I think I have the right forum; if not, this info may be helpful anyway. I think it was here where someone was talking about Canidae and their own plant. I read this on a forum today:


I called Canidae today to ask about the food and their own "Ethos" plant. In a nutshell, I was told Ethos is a small plant, making currently the cat food and some of the ALS products-they still work with co packers Diamond and American Pet Nutrition(may be others, it was very difficult to get information) and have no immediate plans to stop and make all their own food. The food made by Ehtos will be distributed in the Midwest-I attempted several times to find out how the consumer could tell where it was made and she was very unhelpful, stating "there is no way" and then correcting herself to say "there was a way" but its difficult to say who provides what food to what areas?!?! Apparently, SOME of the ALS for NY might come from APN in Pa, but DIAMOND MAKES ALL THE GRAINFREE AND CONTINUES TO DO SO


It doesn't sound like Canidae has their act together, at least yet.


----------



## GoingPostal (Sep 5, 2011)

Interesting, good info I guess but does making it in their own plant really guarantee it will be any better or free from issues? I'm reading Pet Food Politics right now and didn't really think about where companies source ingredients from before.


----------



## InkedMarie (Sep 9, 2011)

GoingPostal said:


> Interesting, good info I guess but does making it in their own plant really guarantee it will be any better or free from issues? I'm reading Pet Food Politics right now and didn't really think about where companies source ingredients from before.

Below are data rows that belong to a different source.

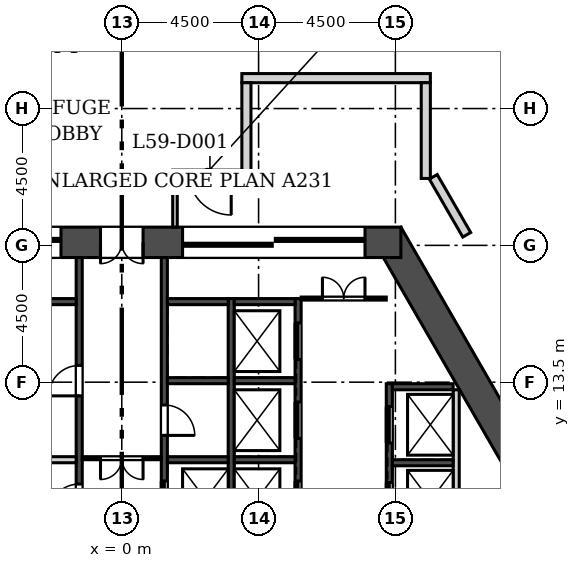
"""IFC4 building model, lengths in metres.
Left out: names, types, materials, properties, quantities, classifications, styles, units other than length and angle.
Written with IfcOpenShell. Run it as: python <this file> out.ifc"""

import sys

from ifc_helpers import new_model, si_unit, direction, frame, frame_2d, origin, place, context, subcontext, project, spatial, rectangle, extrude, element, fill, save


model = new_model("IFC4")
c1 = context("Model", 3, precision=1e-05, world=origin(), true_north=direction((0.0, 1.0)))
c2 = subcontext(c1, "Body", "Model", "MODEL_VIEW")
j1 = project(units=[si_unit("LENGTHUNIT", "METRE"), si_unit("PLANEANGLEUNIT", "RADIAN")], contexts=[c1])
p1 = place(None, origin())
s1 = spatial("IfcSite", under=j1, at=p1, CompositionType="ELEMENT")
p2 = place(p1, origin())
s2 = spatial("IfcBuilding", under=s1, at=p2, CompositionType="ELEMENT")
p3 = place(p2, frame((0.0, 0.0, 259.5)))
s3 = spatial("IfcBuildingStorey", under=s2, at=p3, CompositionType="ELEMENT", Elevation=259.5)
p4 = place(p3, frame((13.167, 10.695, 0.0), z_axis=(0.0, 0.0, 1.0), x_axis=(-0.499995021168, 0.866028278295, 0.0)))
e1 = element("IfcWall", 1, at=p4, inside=s3, PredefinedType="SHEAR", context=c2, shape_type="SweptSolid", body=[
    extrude(rectangle(XDim=8.839, YDim=1.0, at=frame_2d((4.419, 0.0))), origin(), (0.0, 0.0, 1.0), 7.2),
])
p5 = place(p3, frame((9.181, 18.1, 0.0), z_axis=(0.0, 0.0, 1.0), x_axis=(-1.0, 0.0, 0.0)))
e2 = element("IfcWall", 2, at=p5, inside=s3, PredefinedType="SHEAR", context=c2, shape_type="SweptSolid", body=[
    extrude(rectangle(XDim=18.361, YDim=1.0, at=frame_2d((9.181, 0.0))), origin(), (0.0, 0.0, 1.0), 7.2),
])
p6 = place(p5, frame((8.481, 0.0, 0.0)))
e3 = element("IfcOpeningElement", 3, at=p6, cuts=e2, PredefinedType="OPENING", context=c2, shape_type="SweptSolid", body=[
    extrude(rectangle(XDim=1.4, YDim=2.1, at=frame_2d((0.7, 1.05))), frame((0.0, 0.51, 0.0), z_axis=(0.0, -1.0, 0.0), x_axis=(1.0, 0.0, 0.0)), (0.0, 0.0, 1.0), 1.02),
])
p7 = place(p5, frame((11.181, 0.0, 0.0)))
e4 = element("IfcOpeningElement", 4, at=p7, cuts=e2, PredefinedType="OPENING", context=c2, shape_type="SweptSolid", body=[
    extrude(rectangle(XDim=6.0, YDim=2.4, at=frame_2d((3.0, 1.2))), frame((0.0, 0.51, 0.0), z_axis=(0.0, -1.0, 0.0), x_axis=(1.0, 0.0, 0.0)), (0.0, 0.0, 1.0), 1.02),
])
p8 = place(p5, frame((1.181, 0.0, 0.0)))
e5 = element("IfcOpeningElement", 5, at=p8, cuts=e2, PredefinedType="OPENING", context=c2, shape_type="SweptSolid", body=[
    extrude(rectangle(XDim=6.0, YDim=2.4, at=frame_2d((3.0, 1.2))), frame((0.0, 0.51, 0.0), z_axis=(0.0, -1.0, 0.0), x_axis=(1.0, 0.0, 0.0)), (0.0, 0.0, 1.0), 1.02),
])
p9 = place(p3, frame((26.022, 7.709, 0.0), z_axis=(0.0, 0.0, 1.0), x_axis=(-0.500000891752, 0.866024888931, 0.0)))
e6 = element("IfcWall", 6, at=p9, inside=s3, PredefinedType="SOLIDWALL", context=c2, shape_type="SweptSolid", body=[
    extrude(rectangle(XDim=43.339, YDim=0.34, at=frame_2d((21.669, 0.0))), origin(), (0.0, 0.0, 1.0), 6.8),
])
p10 = place(p9, frame((19.335, 0.0, 0.9)))
e7 = element("IfcOpeningElement", 7, at=p10, cuts=e6, PredefinedType="OPENING", context=c2, shape_type="SweptSolid", body=[
    extrude(rectangle(XDim=1.885, YDim=3.0, at=frame_2d((0.942, 1.5))), frame((0.0, 0.18, 0.0), z_axis=(0.0, -1.0, 0.0), x_axis=(1.0, 0.0, 0.0)), (0.0, 0.0, 1.0), 0.36),
])
p11 = place(p9, frame((34.335, 0.0, 0.9)))
e8 = element("IfcOpeningElement", 8, at=p11, cuts=e6, PredefinedType="OPENING", context=c2, shape_type="SweptSolid", body=[
    extrude(rectangle(XDim=1.885, YDim=3.0, at=frame_2d((0.942, 1.5))), frame((0.0, 0.18, 0.0), z_axis=(0.0, -1.0, 0.0), x_axis=(1.0, 0.0, 0.0)), (0.0, 0.0, 1.0), 0.36),
])
p12 = place(p9, frame((40.335, 0.0, 0.9)))
e9 = element("IfcOpeningElement", 9, at=p12, cuts=e6, PredefinedType="OPENING", context=c2, shape_type="SweptSolid", body=[
    extrude(rectangle(XDim=1.885, YDim=3.0, at=frame_2d((0.942, 1.5))), frame((0.0, 0.18, 0.0), z_axis=(0.0, -1.0, 0.0), x_axis=(1.0, 0.0, 0.0)), (0.0, 0.0, 1.0), 0.36),
])
p13 = place(p3, frame((11.0, 5.85, 0.0), z_axis=(0.0, 0.0, 1.0), x_axis=(0.0, 1.0, 0.0)))
e10 = element("IfcWall", 10, at=p13, inside=s3, PredefinedType="SOLIDWALL", context=c2, shape_type="SweptSolid", body=[
    extrude(rectangle(XDim=7.4, YDim=0.2, at=frame_2d((3.7, 0.0))), origin(), (0.0, 0.0, 1.0), 6.8),
])
p14 = place(p3, frame((8.8, 8.25, -0.4), z_axis=(0.0, 0.0, 1.0), x_axis=(0.0, 1.0, 0.0)))
e11 = element("IfcWall", 11, at=p14, inside=s3, PredefinedType="SOLIDWALL", context=c2, shape_type="SweptSolid", body=[
    extrude(rectangle(XDim=5.2, YDim=0.2, at=frame_2d((2.6, 0.0))), origin(), (0.0, 0.0, 1.0), 7.2),
])
p15 = place(p14, frame((0.75, 0.0, 0.4)))
e12 = element("IfcOpeningElement", 12, at=p15, cuts=e11, PredefinedType="OPENING", context=c2, shape_type="SweptSolid", body=[
    extrude(rectangle(XDim=1.2, YDim=2.1, at=frame_2d((0.6, 1.05))), frame((0.0, 0.11, 0.0), z_axis=(0.0, -1.0, 0.0), x_axis=(1.0, 0.0, 0.0)), (0.0, 0.0, 1.0), 0.22),
])
p16 = place(p14, frame((3.25, 0.0, 0.4)))
e13 = element("IfcOpeningElement", 13, at=p16, cuts=e11, PredefinedType="OPENING", context=c2, shape_type="SweptSolid", body=[
    extrude(rectangle(XDim=1.2, YDim=2.1, at=frame_2d((0.6, 1.05))), frame((0.0, 0.11, 0.0), z_axis=(0.0, -1.0, 0.0), x_axis=(1.0, 0.0, 0.0)), (0.0, 0.0, 1.0), 0.22),
])
p17 = place(p3, frame((5.8, 8.25, -0.4), z_axis=(0.0, 0.0, 1.0), x_axis=(0.0, 1.0, 0.0)))
e14 = element("IfcWall", 14, at=p17, inside=s3, PredefinedType="SOLIDWALL", context=c2, shape_type="SweptSolid", body=[
    extrude(rectangle(XDim=8.0, YDim=0.2, at=frame_2d((4.0, 0.0))), origin(), (0.0, 0.0, 1.0), 7.2),
])
p18 = place(p17, frame((0.8, 0.0, 0.4)))
e15 = element("IfcOpeningElement", 15, at=p18, cuts=e14, PredefinedType="OPENING", context=c2, shape_type="SweptSolid", body=[
    extrude(rectangle(XDim=1.2, YDim=2.1, at=frame_2d((0.6, 1.05))), frame((0.0, 0.11, 0.0), z_axis=(0.0, -1.0, 0.0), x_axis=(1.0, 0.0, 0.0)), (0.0, 0.0, 1.0), 0.22),
])
p19 = place(p17, frame((3.4, 0.0, 0.4)))
e16 = element("IfcOpeningElement", 16, at=p19, cuts=e14, PredefinedType="OPENING", context=c2, shape_type="SweptSolid", body=[
    extrude(rectangle(XDim=1.2, YDim=2.1, at=frame_2d((0.6, 1.05))), frame((0.0, 0.11, 0.0), z_axis=(0.0, -1.0, 0.0), x_axis=(1.0, 0.0, 0.0)), (0.0, 0.0, 1.0), 0.22),
])
p20 = place(p17, frame((6.0, 0.0, 0.4)))
e17 = element("IfcOpeningElement", 17, at=p20, cuts=e14, PredefinedType="OPENING", context=c2, shape_type="SweptSolid", body=[
    extrude(rectangle(XDim=1.2, YDim=2.1, at=frame_2d((0.6, 1.05))), frame((0.0, 0.11, 0.0), z_axis=(0.0, -1.0, 0.0), x_axis=(1.0, 0.0, 0.0)), (0.0, 0.0, 1.0), 0.22),
])
p21 = place(p3, frame((3.6, 8.45, -0.4), z_axis=(0.0, 0.0, 1.0), x_axis=(0.0, 1.0, 0.0)))
e18 = element("IfcWall", 18, at=p21, inside=s3, PredefinedType="SOLIDWALL", context=c2, shape_type="SweptSolid", body=[
    extrude(rectangle(XDim=7.8, YDim=0.2, at=frame_2d((3.9, 0.0))), origin(), (0.0, 0.0, 1.0), 7.2),
])
p22 = place(p3, frame((-1.4, 5.85, -0.4), z_axis=(0.0, 0.0, 1.0), x_axis=(0.0, 1.0, 0.0)))
e19 = element("IfcWall", 19, at=p22, inside=s3, PredefinedType="SOLIDWALL", context=c2, shape_type="SweptSolid", body=[
    extrude(rectangle(XDim=11.75, YDim=0.2, at=frame_2d((5.875, 0.0))), origin(), (0.0, 0.0, 1.0), 7.2),
])
p23 = place(p22, frame((0.65, 0.0, 0.4)))
e20 = element("IfcOpeningElement", 20, at=p23, cuts=e19, PredefinedType="OPENING", context=c2, shape_type="SweptSolid", body=[
    extrude(rectangle(XDim=1.1, YDim=2.1, at=frame_2d((0.55, 1.05))), frame((0.0, 0.11, 0.0), z_axis=(0.0, -1.0, 0.0), x_axis=(1.0, 0.0, 0.0)), (0.0, 0.0, 1.0), 0.22),
])
p24 = place(p22, frame((3.3, 0.0, 0.4)))
e21 = element("IfcOpeningElement", 21, at=p24, cuts=e19, PredefinedType="OPENING", context=c2, shape_type="SweptSolid", body=[
    extrude(rectangle(XDim=1.0, YDim=2.1, at=frame_2d((0.5, 1.05))), frame((0.0, 0.11, 0.0), z_axis=(0.0, -1.0, 0.0), x_axis=(1.0, 0.0, 0.0)), (0.0, 0.0, 1.0), 0.22),
])
p25 = place(p22, frame((7.2, 0.0, 0.4)))
e22 = element("IfcOpeningElement", 22, at=p25, cuts=e19, PredefinedType="OPENING", context=c2, shape_type="SweptSolid", body=[
    extrude(rectangle(XDim=1.0, YDim=2.1, at=frame_2d((0.5, 1.05))), frame((0.0, 0.11, 0.0), z_axis=(0.0, -1.0, 0.0), x_axis=(1.0, 0.0, 0.0)), (0.0, 0.0, 1.0), 0.22),
])
p26 = place(p3, frame((1.4, 5.85, -0.4), z_axis=(0.0, 0.0, 1.0), x_axis=(0.0, 1.0, 0.0)))
e23 = element("IfcWall", 23, at=p26, inside=s3, PredefinedType="SOLIDWALL", context=c2, shape_type="SweptSolid", body=[
    extrude(rectangle(XDim=11.75, YDim=0.2, at=frame_2d((5.875, 0.0))), origin(), (0.0, 0.0, 1.0), 7.2),
])
p27 = place(p26, frame((3.2, 0.0, 0.4)))
e24 = element("IfcOpeningElement", 24, at=p27, cuts=e23, PredefinedType="OPENING", context=c2, shape_type="SweptSolid", body=[
    extrude(rectangle(XDim=1.2, YDim=2.1, at=frame_2d((0.6, 1.05))), frame((0.0, 0.11, 0.0), z_axis=(0.0, -1.0, 0.0), x_axis=(1.0, 0.0, 0.0)), (0.0, 0.0, 1.0), 0.22),
])
p28 = place(p26, frame((0.65, 0.0, 0.4)))
e25 = element("IfcOpeningElement", 25, at=p28, cuts=e23, PredefinedType="OPENING", context=c2, shape_type="SweptSolid", body=[
    extrude(rectangle(XDim=1.1, YDim=2.1, at=frame_2d((0.55, 1.05))), frame((0.0, 0.11, 0.0), z_axis=(0.0, -1.0, 0.0), x_axis=(1.0, 0.0, 0.0)), (0.0, 0.0, 1.0), 0.22),
])
p29 = place(p26, frame((5.9, 0.0, 0.4)))
e26 = element("IfcOpeningElement", 26, at=p29, cuts=e23, PredefinedType="OPENING", context=c2, shape_type="SweptSolid", body=[
    extrude(rectangle(XDim=1.0, YDim=2.1, at=frame_2d((0.5, 1.05))), frame((0.0, 0.11, 0.0), z_axis=(0.0, -1.0, 0.0), x_axis=(1.0, 0.0, 0.0)), (0.0, 0.0, 1.0), 0.22),
])
p30 = place(p3, frame((-3.5, 10.95, 0.0), z_axis=(0.0, 0.0, 1.0), x_axis=(1.0, 0.0, 0.0)))
e27 = element("IfcWall", 27, at=p30, inside=s3, PredefinedType="SOLIDWALL", context=c2, shape_type="SweptSolid", body=[
    extrude(rectangle(XDim=2.0, YDim=0.2, at=frame_2d((1.0, 0.0))), origin(), (0.0, 0.0, 1.0), 6.8),
])
for number, where, z_axis, x_axis in (
    (28, (-3.5, 16.15, -0.4), (0.0, 0.0, 1.0), (1.0, 0.0, 0.0)),
    (29, (8.9, 10.85, -0.4), (0.0, 0.0, 1.0), (1.0, 0.0, 0.0)),
    (30, (8.9, 13.35, -0.4), (0.0, 0.0, 1.0), (1.0, 0.0, 0.0)),
    (31, (3.7, 10.95, -0.4), (0.0, 0.0, 1.0), (1.0, 0.0, 0.0)),
    (32, (3.7, 13.55, -0.4), (0.0, 0.0, 1.0), (1.0, 0.0, 0.0)),
    (33, (3.7, 16.15, -0.4), (0.0, 0.0, 1.0), (1.0, 0.0, 0.0)),
    (34, (1.5, 10.95, -0.4), (0.0, 0.0, 1.0), (1.0, 0.0, 0.0)),
    (35, (1.5, 13.55, -0.4), (0.0, 0.0, 1.0), (1.0, 0.0, 0.0)),
    (36, (1.5, 16.15, -0.4), (0.0, 0.0, 1.0), (1.0, 0.0, 0.0)),
):
    element("IfcWall", number, at=place(p3, frame(where, z_axis=z_axis, x_axis=x_axis)), inside=s3, PredefinedType="SOLIDWALL", context=c2, shape_type="SweptSolid", body=[
        extrude(rectangle(XDim=2.0, YDim=0.2, at=frame_2d((1.0, 0.0))), origin(), (0.0, 0.0, 1.0), 7.2),
    ])
p31 = place(p3, frame((5.9, 16.25, 0.0), z_axis=(0.0, 0.0, 1.0), x_axis=(1.0, 0.0, 0.0)))
e37 = element("IfcWall", 37, at=p31, inside=s3, PredefinedType="PARTITIONING", context=c2, shape_type="SweptSolid", body=[
    extrude(rectangle(XDim=2.8, YDim=0.1, at=frame_2d((1.4, 0.0))), origin(), (0.0, 0.0, 1.0), 6.8),
])
p32 = place(p31, frame((0.7, 0.0, 0.0)))
e38 = element("IfcOpeningElement", 38, at=p32, cuts=e37, PredefinedType="OPENING", context=c2, shape_type="SweptSolid", body=[
    extrude(rectangle(XDim=1.4, YDim=2.1, at=frame_2d((0.7, 1.05))), frame((0.0, 0.06, 0.0), z_axis=(0.0, -1.0, 0.0), x_axis=(1.0, 0.0, 0.0)), (0.0, 0.0, 1.0), 0.12),
])
p33 = place(p3, frame((-1.3, 11.0, 0.0), z_axis=(0.0, 0.0, 1.0), x_axis=(1.0, 0.0, 0.0)))
e39 = element("IfcWall", 39, at=p33, inside=s3, PredefinedType="PARTITIONING", context=c2, shape_type="SweptSolid", body=[
    extrude(rectangle(XDim=2.6, YDim=0.1, at=frame_2d((1.3, 0.0))), origin(), (0.0, 0.0, 1.0), 6.8),
])
p34 = place(p33, frame((0.6, 0.0, 0.0)))
e40 = element("IfcOpeningElement", 40, at=p34, cuts=e39, PredefinedType="OPENING", context=c2, shape_type="SweptSolid", body=[
    extrude(rectangle(XDim=1.4, YDim=2.1, at=frame_2d((0.7, 1.05))), frame((0.0, 0.06, 0.0), z_axis=(0.0, -1.0, 0.0), x_axis=(1.0, 0.0, 0.0)), (0.0, 0.0, 1.0), 0.12),
])
p35 = place(p3, frame((3.95, 23.5, 0.0), z_axis=(0.0, 0.0, 1.0), x_axis=(1.0, 0.0, 0.0)))
e41 = element("IfcWall", 41, at=p35, inside=s3, PredefinedType="SOLIDWALL", context=c2, shape_type="SweptSolid", body=[
    extrude(rectangle(XDim=6.2, YDim=0.3, at=frame_2d((3.1, 0.0))), origin(), (0.0, 0.0, 1.0), 6.8),
])
p36 = place(p3, frame((4.1, 20.2, 0.0), z_axis=(0.0, 0.0, 1.0), x_axis=(7.7513371e-05, 0.999999996996, 0.0)))
e42 = element("IfcWall", 42, at=p36, inside=s3, PredefinedType="SOLIDWALL", context=c2, shape_type="SweptSolid", body=[
    extrude(rectangle(XDim=3.15, YDim=0.3, at=frame_2d((1.575, 0.0))), origin(), (0.0, 0.0, 1.0), 6.8),
])
p37 = place(p3, frame((10.0, 23.35, 0.0), z_axis=(0.0, 0.0, 1.0), x_axis=(0.0, -1.0, 0.0)))
e43 = element("IfcWall", 43, at=p37, inside=s3, PredefinedType="SOLIDWALL", context=c2, shape_type="SweptSolid", body=[
    extrude(rectangle(XDim=3.149, YDim=0.3, at=frame_2d((1.575, 0.0))), origin(), (0.0, 0.0, 1.0), 6.8),
])
p38 = place(p3, frame((1.675, 20.4, 0.0), z_axis=(0.0, 0.0, 1.0), x_axis=(1.0, 0.0, 0.0)))
e44 = element("IfcWall", 44, at=p38, inside=s3, PredefinedType="PARTITIONING", context=c2, shape_type="SweptSolid", body=[
    extrude(rectangle(XDim=2.275, YDim=0.15, at=frame_2d((1.137, 0.0))), origin(), (0.0, 0.0, 1.0), 6.8),
])
p39 = place(p38, frame((0.524, 0.0, 0.0)))
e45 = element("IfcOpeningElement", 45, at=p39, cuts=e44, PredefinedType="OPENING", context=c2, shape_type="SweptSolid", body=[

No, it doesn't guarantee it at all. I know some people were excited about Canidae having their own plant....only reason to get excited is IF you can find out what versions of their food are made at what plant.


----------



## PDXdogmom (Jun 30, 2010)

That is a disappointing response from Canidae. I had really been hoping that they would start to manufacture their "Pure" line at their Ethos plant. So . . . not tempted to try them after all.


----------